I really hate to burst your bubble but my montior is on 1366*768 (which works out less than 1280*1024) and it still will not max out crysis and I have a gtx 260, its barley playable on medium with the res lowered to 720p, hell, I maybe wrong here but I cant get it up to test it, even when running on the lowest settings fps is still to low to provide consistently playable framerates. crysis is a poorly coded game tho the actual increase in FPS from max settings to medium is like an extra 5 FPS, man I spent ages trying to get it play well, maybe on my next gpu upgrade lol.


----------



## kennebell347

CrayonMuncher said:


> *I really hate to burst your bubble but my montior is on 1366*768 (which works out less than 1280*1024) and it still will not max out crysis and I have a gtx 260*, its barley playable on medium with the res lowered to 720p, hell, I maybe wrong here but I cant get it up to test it, even when running on the lowest settings fps is still to low to provide consistently playable framerates. crysis is a poorly coded game tho the actual increase in FPS from max settings to medium is like an extra 5 FPS, man I spent ages trying to get it play well, maybe on my next gpu upgrade lol.



You have other issues then. Here is a video of my oldest setup with the GTS 250 and that Corsair PSU playing Crysis just fine. I took this video years ago with a prebuilt Gateway and that card. So it is obviously playable. I got an average of 30fps @ 1440x900 res and the ccc config mod, particle mod, and texture mod.

http://www.youtube.com/watch?v=gQ-vxXl3Lpo

Don't come into a for sale thread trying to ruin sales with info that isn't true.


----------



## jonnyp11

i had posted that after looking up banches of the 250 and seen a crysis one that showed it getting good fps on higher settings on 1280x1024, so i know it can do well, and even if not i'd just like it if it were playable on a good looking res and settings. but if i get my build for christmas like i hope and i think i might, i will probably point my dad here


----------



## CrayonMuncher

kennebell347 said:


> Don't come into a for sale thread trying to ruin sales with info that isn't true.

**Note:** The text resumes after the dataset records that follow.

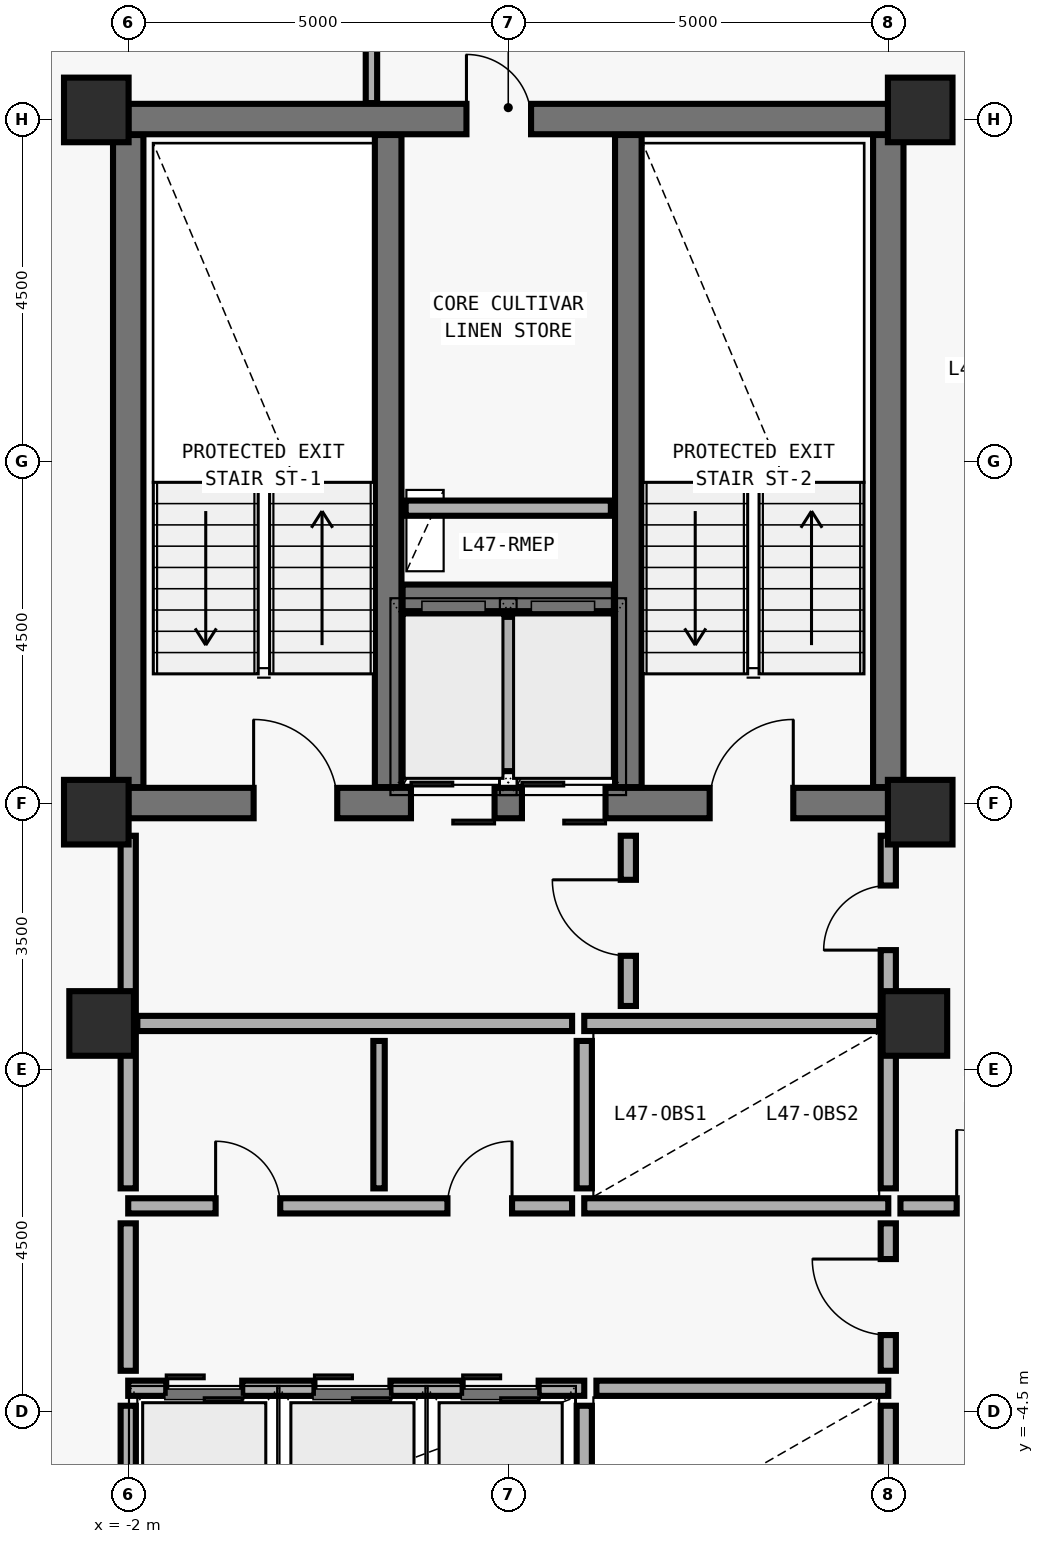
"""IFC4 building model, lengths in metres.
Left out: names, types, materials, properties, quantities, classifications, styles, units other than length and angle.
Written with IfcOpenShell. Run it as: python <this file> out.ifc"""

import sys

from ifc_helpers import new_model, si_unit, direction, frame, frame_2d, origin, origin_2d, place, context, subcontext, project, spatial, rectangle, extrude, element, fill, save


model = new_model("IFC4")
c1 = context("Model", 3, precision=1e-05, world=origin(), true_north=direction((0.0, 1.0)))
c2 = subcontext(c1, "Body", "Model", "MODEL_VIEW")
j1 = project(units=[si_unit("LENGTHUNIT", "METRE"), si_unit("PLANEANGLEUNIT", "RADIAN")], contexts=[c1])
p1 = place(None, origin())
s1 = spatial("IfcSite", under=j1, at=p1, CompositionType="ELEMENT")
p2 = place(p1, origin())
s2 = spatial("IfcBuilding", under=s1, at=p2, CompositionType="ELEMENT")
p3 = place(p2, frame((0.0, 0.0, 189.6)))
s3 = spatial("IfcBuildingStorey", under=s2, at=p3, CompositionType="ELEMENT", Elevation=189.6)
p4 = place(p3, frame((-2.0, 3.5, 0.0), z_axis=(0.0, 0.0, 1.0), x_axis=(1.0, 0.0, 0.0)))
e1 = element("IfcWall", 1, at=p4, inside=s3, PredefinedType="SHEAR", context=c2, shape_type="SweptSolid", body=[
    extrude(rectangle(XDim=10.0, YDim=0.4, at=frame_2d((5.0, 0.0))), origin(), (0.0, 0.0, 1.0), 3.592),
])
p5 = place(p4, frame((1.65, 0.0, 0.0)))
e2 = element("IfcOpeningElement", 2, at=p5, cuts=e1, PredefinedType="OPENING", context=c2, shape_type="SweptSolid", body=[
    extrude(rectangle(XDim=1.1, YDim=2.15, at=frame_2d((0.55, 1.075))), frame((0.0, 0.21, 0.0), z_axis=(0.0, -1.0, 0.0), x_axis=(1.0, 0.0, 0.0)), (0.0, 0.0, 1.0), 0.42),
])
p6 = place(p4, frame((7.65, 0.0, 0.0)))
e3 = element("IfcOpeningElement", 3, at=p6, cuts=e1, PredefinedType="OPENING", context=c2, shape_type="SweptSolid", body=[
    extrude(rectangle(XDim=1.1, YDim=2.15, at=frame_2d((0.55, 1.075))), frame((0.0, 0.21, 0.0), z_axis=(0.0, -1.0, 0.0), x_axis=(1.0, 0.0, 0.0)), (0.0, 0.0, 1.0), 0.42),
])
p7 = place(p4, frame((3.72, 0.0, 0.0)))
e4 = element("IfcOpeningElement", 4, at=p7, cuts=e1, PredefinedType="OPENING", context=c2, shape_type="SweptSolid", body=[
    extrude(rectangle(XDim=1.1, YDim=2.2, at=frame_2d((0.55, 1.1))), frame((0.0, 0.21, 0.0), z_axis=(0.0, -1.0, 0.0), x_axis=(1.0, 0.0, 0.0)), (0.0, 0.0, 1.0), 0.42),
])
p8 = place(p4, frame((5.18, 0.0, 0.0)))
e5 = element("IfcOpeningElement", 5, at=p8, cuts=e1, PredefinedType="OPENING", context=c2, shape_type="SweptSolid", body=[
    extrude(rectangle(XDim=1.1, YDim=2.2, at=frame_2d((0.55, 1.1))), frame((0.0, 0.21, 0.0), z_axis=(0.0, -1.0, 0.0), x_axis=(1.0, 0.0, 0.0)), (0.0, 0.0, 1.0), 0.42),
])
p9 = place(p3, frame((-2.0, 12.5, 0.0), z_axis=(0.0, 0.0, 1.0), x_axis=(1.0, 0.0, 0.0)))
e6 = element("IfcWall", 6, at=p9, inside=s3, PredefinedType="SHEAR", context=c2, shape_type="SweptSolid", body=[
    extrude(rectangle(XDim=10.0, YDim=0.4, at=frame_2d((5.0, 0.0))), origin(), (0.0, 0.0, 1.0), 3.592),
])
p10 = place(p9, frame((4.45, 0.0, 0.0)))
e7 = element("IfcOpeningElement", 7, at=p10, cuts=e6, PredefinedType="OPENING", context=c2, shape_type="SweptSolid", body=[
    extrude(rectangle(XDim=0.85, YDim=2.1, at=frame_2d((0.425, 1.05))), frame((0.0, 0.21, 0.0), z_axis=(0.0, -1.0, 0.0), x_axis=(1.0, 0.0, 0.0)), (0.0, 0.0, 1.0), 0.42),
])
for number, where, z_axis, x_axis in (
    (8, (-2.0, 3.71, 0.0), (0.0, 0.0, 1.0), (0.0, 1.0, 0.0)),
    (9, (8.0, 3.71, 0.0), (0.0, 0.0, 1.0), (0.0, 1.0, 0.0)),
):
    element("IfcWall", number, at=place(p3, frame(where, z_axis=z_axis, x_axis=x_axis)), inside=s3, PredefinedType="SHEAR", context=c2, shape_type="SweptSolid", body=[
        extrude(rectangle(XDim=8.58, YDim=0.4, at=frame_2d((4.29, 0.0))), origin(), (0.0, 0.0, 1.0), 3.592),
    ])
for number, where, z_axis, x_axis in (
    (10, (1.42, 3.71, 0.0), (0.0, 0.0, 1.0), (0.0, 1.0, 0.0)),
    (11, (4.58, 3.71, 0.0), (0.0, 0.0, 1.0), (0.0, 1.0, 0.0)),
):
    element("IfcWall", number, at=place(p3, frame(where, z_axis=z_axis, x_axis=x_axis)), inside=s3, PredefinedType="SHEAR", context=c2, shape_type="SweptSolid", body=[
        extrude(rectangle(XDim=8.58, YDim=0.35, at=frame_2d((4.29, 0.0))), origin(), (0.0, 0.0, 1.0), 3.592),
    ])
p11 = place(p3, frame((1.61, 6.2, 0.0), z_axis=(0.0, 0.0, 1.0), x_axis=(1.0, 0.0, 0.0)))
e12 = element("IfcWall", 12, at=p11, inside=s3, PredefinedType="SHEAR", context=c2, shape_type="SweptSolid", body=[
    extrude(rectangle(XDim=2.78, YDim=0.35, at=frame_2d((1.39, 0.0))), origin(), (0.0, 0.0, 1.0), 3.592),
])
for number, where, z_axis, x_axis in (
    (13, (-2.42, 12.62, 0.0), (0.0, 0.0, 1.0), (1.0, 0.0, 0.0)),
    (14, (8.42, 12.62, 0.0), (0.0, 0.0, 1.0), (1.0, 0.0, 0.0)),
    (15, (-2.42, 3.38, 0.0), (0.0, 0.0, 1.0), (1.0, 0.0, 0.0)),
    (16, (8.42, 3.38, 0.0), (0.0, 0.0, 1.0), (1.0, 0.0, 0.0)),
    (17, (-2.35, 0.6, 0.0), (0.0, 0.0, 1.0), (1.0, 0.0, 0.0)),
    (18, (8.35, 0.6, 0.0), (0.0, 0.0, 1.0), (1.0, 0.0, 0.0)),
):
    element("IfcColumn", number, at=place(p3, frame(where, z_axis=z_axis, x_axis=x_axis)), inside=s3, PredefinedType="COLUMN", context=c2, shape_type="SweptSolid", body=[
        extrude(rectangle(XDim=0.85, YDim=0.85, at=origin_2d()), origin(), (0.0, 0.0, 1.0), 3.575),
    ])
p12 = place(p3, frame((3.0, 3.92, 0.0), z_axis=(0.0, 0.0, 1.0), x_axis=(0.0, 1.0, 0.0)))
e19 = element("IfcWall", 19, at=p12, inside=s3, PredefinedType="SOLIDWALL", context=c2, shape_type="SweptSolid", body=[
    extrude(rectangle(XDim=2.03, YDim=0.2, at=frame_2d((1.015, 0.0))), origin(), (0.0, 0.0, 1.0), 3.36),
])
p13 = place(p3, frame((1.65, 7.38, 0.0), z_axis=(0.0, 0.0, 1.0), x_axis=(1.0, 0.0, 0.0)))
e20 = element("IfcWall", 20, at=p13, inside=s3, PredefinedType="SOLIDWALL", context=c2, shape_type="SweptSolid", body=[
    extrude(rectangle(XDim=2.7, YDim=0.2, at=frame_2d((1.35, 0.0))), origin(), (0.0, 0.0, 1.0), 3.36),
])
p14 = place(p3, frame((4.0, 0.6, 0.0), z_axis=(0.0, 0.0, 1.0), x_axis=(1.0, 0.0, 0.0)))
e21 = element("IfcWall", 21, at=p14, inside=s3, PredefinedType="SOLIDWALL", context=c2, shape_type="SweptSolid", body=[
    extrude(rectangle(XDim=3.88, YDim=0.2, at=frame_2d((1.94, 0.0))), origin(), (0.0, 0.0, 1.0), 3.012),
])
p15 = place(p3, frame((4.0, -1.8, 0.0), z_axis=(0.0, 0.0, 1.0), x_axis=(1.0, 0.0, 0.0)))
e22 = element("IfcWall", 22, at=p15, inside=s3, PredefinedType="SOLIDWALL", context=c2, shape_type="SweptSolid", body=[
    extrude(rectangle(XDim=4.0, YDim=0.2, at=frame_2d((2.0, 0.0))), origin(), (0.0, 0.0, 1.0), 3.36),
])
p16 = place(p3, frame((4.0, -1.57, 0.0), z_axis=(0.0, 0.0, 1.0), x_axis=(0.0, 1.0, 0.0)))
e23 = element("IfcWall", 23, at=p16, inside=s3, PredefinedType="SOLIDWALL", context=c2, shape_type="SweptSolid", body=[
    extrude(rectangle(XDim=1.94, YDim=0.2, at=frame_2d((0.97, 0.0))), origin(), (0.0, 0.0, 1.0), 3.36),
])
p17 = place(p3, frame((8.0, -1.57, 0.0), z_axis=(0.0, 0.0, 1.0), x_axis=(0.0, 1.0, 0.0)))
e24 = element("IfcWall", 24, at=p17, inside=s3, PredefinedType="SOLIDWALL", context=c2, shape_type="SweptSolid", body=[
    extrude(rectangle(XDim=2.05, YDim=0.2, at=frame_2d((1.025, 0.0))), origin(), (0.0, 0.0, 1.0), 3.012),
])
p18 = place(p3, frame((-2.0, -4.2, 0.0), z_axis=(0.0, 0.0, 1.0), x_axis=(1.0, 0.0, 0.0)))
e25 = element("IfcWall", 25, at=p18, inside=s3, PredefinedType="SOLIDWALL", context=c2, shape_type="SweptSolid", body=[
    extrude(rectangle(XDim=6.0, YDim=0.2, at=frame_2d((3.0, 0.0))), origin(), (0.0, 0.0, 1.0), 3.36),
])
p19 = place(p18, frame((0.5, 0.0, 0.0)))
e26 = element("IfcOpeningElement", 26, at=p19, cuts=e25, PredefinedType="OPENING", context=c2, shape_type="SweptSolid", body=[
    extrude(rectangle(XDim=1.0, YDim=2.2, at=frame_2d((0.5, 1.1))), frame((0.0, 0.11, 0.0), z_axis=(0.0, -1.0, 0.0), x_axis=(1.0, 0.0, 0.0)), (0.0, 0.0, 1.0), 0.22),
])
p20 = place(p18, frame((2.45, 0.0, 0.0)))
e27 = element("IfcOpeningElement", 27, at=p20, cuts=e25, PredefinedType="OPENING", context=c2, shape_type="SweptSolid", body=[
    extrude(rectangle(XDim=1.0, YDim=2.2, at=frame_2d((0.5, 1.1))), frame((0.0, 0.11, 0.0), z_axis=(0.0, -1.0, 0.0), x_axis=(1.0, 0.0, 0.0)), (0.0, 0.0, 1.0), 0.22),
])
p21 = place(p18, frame((4.4, 0.0, 0.0)))
e28 = element("IfcOpeningElement", 28, at=p21, cuts=e25, PredefinedType="OPENING", context=c2, shape_type="SweptSolid", body=[
    extrude(rectangle(XDim=1.0, YDim=2.2, at=frame_2d((0.5, 1.1))), frame((0.0, 0.11, 0.0), z_axis=(0.0, -1.0, 0.0), x_axis=(1.0, 0.0, 0.0)), (0.0, 0.0, 1.0), 0.22),
])
p22 = place(p3, frame((-2.0, -6.37, 0.0), z_axis=(0.0, 0.0, 1.0), x_axis=(0.0, 1.0, 0.0)))
e29 = element("IfcWall", 29, at=p22, inside=s3, PredefinedType="SOLIDWALL", context=c2, shape_type="SweptSolid", body=[
    extrude(rectangle(XDim=1.94, YDim=0.2, at=frame_2d((0.97, 0.0))), origin(), (0.0, 0.0, 1.0), 3.012),
])
p23 = place(p3, frame((4.16, -4.2, 0.0), z_axis=(0.0, 0.0, 1.0), x_axis=(1.0, 0.0, 0.0)))
e30 = element("IfcWall", 30, at=p23, inside=s3, PredefinedType="SOLIDWALL", context=c2, shape_type="SweptSolid", body=[
    extrude(rectangle(XDim=3.84, YDim=0.2, at=frame_2d((1.92, 0.0))), origin(), (0.0, 0.0, 1.0), 3.36),
])
p24 = place(p3, frame((4.0, -6.37, 0.0), z_axis=(0.0, 0.0, 1.0), x_axis=(0.0, 1.0, 0.0)))
e31 = element("IfcWall", 31, at=p24, inside=s3, PredefinedType="SOLIDWALL", context=c2, shape_type="SweptSolid", body=[
    extrude(rectangle(XDim=1.94, YDim=0.2, at=frame_2d((0.97, 0.0))), origin(), (0.0, 0.0, 1.0), 3.36),
])
p25 = place(p3, frame((8.0, -6.37, 0.0), z_axis=(0.0, 0.0, 1.0), x_axis=(0.0, 1.0, 0.0)))
e32 = element("IfcWall", 32, at=p25, inside=s3, PredefinedType="SOLIDWALL", context=c2, shape_type="SweptSolid", body=[
    extrude(rectangle(XDim=1.94, YDim=0.2, at=frame_2d((0.97, 0.0))), origin(), (0.0, 0.0, 1.0), 3.012),
])
p26 = place(p3, frame((4.58, 0.83, 0.0), z_axis=(0.0, 0.0, 1.0), x_axis=(0.0, 1.0, 0.0)))
e33 = element("IfcWall", 33, at=p26, inside=s3, PredefinedType="MOVABLE", context=c2, shape_type="SweptSolid", body=[
    extrude(rectangle(XDim=2.24, YDim=0.2, at=frame_2d((1.12, 0.0))), origin(), (0.0, 0.0, 1.0), 3.36),
])
p27 = place(p26, frame((0.66, 0.0, 0.0)))
e34 = element("IfcOpeningElement", 34, at=p27, cuts=e33, PredefinedType="OPENING", context=c2, shape_type="SweptSolid", body=[
    extrude(rectangle(XDim=1.0, YDim=2.1, at=frame_2d((0.5, 1.05))), frame((0.0, 0.11, 0.0), z_axis=(0.0, -1.0, 0.0), x_axis=(1.0, 0.0, 0.0)), (0.0, 0.0, 1.0), 0.22),
])
p28 = place(p3, frame((8.0, 0.72, 0.0), z_axis=(0.0, 0.0, 1.0), x_axis=(0.0, 1.0, 0.0)))
e35 = element("IfcWall", 35, at=p28, inside=s3, PredefinedType="MOVABLE", context=c2, shape_type="SweptSolid", body=[
    extrude(rectangle(XDim=2.35, YDim=0.2, at=frame_2d((1.175, 0.0))), origin(), (0.0, 0.0, 1.0), 2.692),
])
p29 = place(p28, frame((0.845, 0.0, 0.0)))
e36 = element("IfcOpeningElement", 36, at=p29, cuts=e35, PredefinedType="OPENING", context=c2, shape_type="SweptSolid", body=[
    extrude(rectangle(XDim=0.85, YDim=2.1, at=frame_2d((0.425, 1.05))), frame((0.0, 0.11, 0.0), z_axis=(0.0, -1.0, 0.0), x_axis=(1.0, 0.0, 0.0)), (0.0, 0.0, 1.0), 0.22),
])
p30 = place(p3, frame((8.0, -3.97, 0.0), z_axis=(0.0, 0.0, 1.0), x_axis=(0.0, 1.0, 0.0)))
e37 = element("IfcWall", 37, at=p30, inside=s3, PredefinedType="MOVABLE", context=c2, shape_type="SweptSolid", body=[
    extrude(rectangle(XDim=1.94, YDim=0.2, at=frame_2d((0.97, 0.0))), origin(), (0.0, 0.0, 1.0), 3.012),
])
p31 = place(p30, frame((0.47, 0.0, 0.0)))
e38 = element("IfcOpeningElement", 38, at=p31, cuts=e37, PredefinedType="OPENING", context=c2, shape_type="SweptSolid", body=[
    extrude(rectangle(XDim=1.0, YDim=2.1, at=frame_2d((0.5, 1.05))), frame((0.0, 0.11, 0.0), z_axis=(0.0, -1.0, 0.0), x_axis=(1.0, 0.0, 0.0)), (0.0, 0.0, 1.0), 0.22),
])
p32 = place(p3, frame((-2.0, -1.8, 0.0), z_axis=(0.0, 0.0, 1.0), x_axis=(1.0, 0.0, 0.0)))
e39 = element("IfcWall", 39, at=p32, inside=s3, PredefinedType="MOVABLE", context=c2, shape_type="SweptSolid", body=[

That is uncalled for. I was providing information about crysis, nothing to do with your sale and nothing to do with your claims I was responding to jonnyp s comments not anything made by you to promote your sale.
I get 28-30 FPS average with everything maxed out including aa, 30 fps is not considered by most to provide smooth gameplay and it does not constitute completely smooth game play, in the video you've shown I would get a higher fps (around 45 or so) in that scene too but not during heavy battles and the like this would make it drop considerably. 
My PC has no further issues, I have tested this game on multiple set-ups with multiple cards my claims are also backed up my numerous reviews:

http://www.techpowerup.com/reviews/Inno3D/iChill_GTX_260/9.html

http://www.xbitlabs.com/articles/graphics/display/evga-geforce-gtx260-216-55nm_7.html#sect2

The gts gets around 22 FPS at that 1280*1024 average 

http://www.techpowerup.com/reviews/Galaxy/GeForce_GTS_250_1_GB/9.html

This is without mods or anything. 
Anything below around 25 fps is still playable but will not look smooth and, for most maybe not you, would make the game unpleasant to play.
I was not trying to stop any sale you were making as I am sure jonnyp will benefit greatly from that card, I just didnt want him to beleive he would max it out and play crysis at like 45-50 FPS all the time just because of the fact he has a lower resolution.


----------



## jonnyp11

i know this is kennebell's thread, but how bout we just drop this, and i doubt my cpu could handle it anyways.


----------



## CrayonMuncher

jonnyp11 said:


> i know this is kennebell's thread, but how bout we just drop this, and i doubt my cpu could handle it anyways.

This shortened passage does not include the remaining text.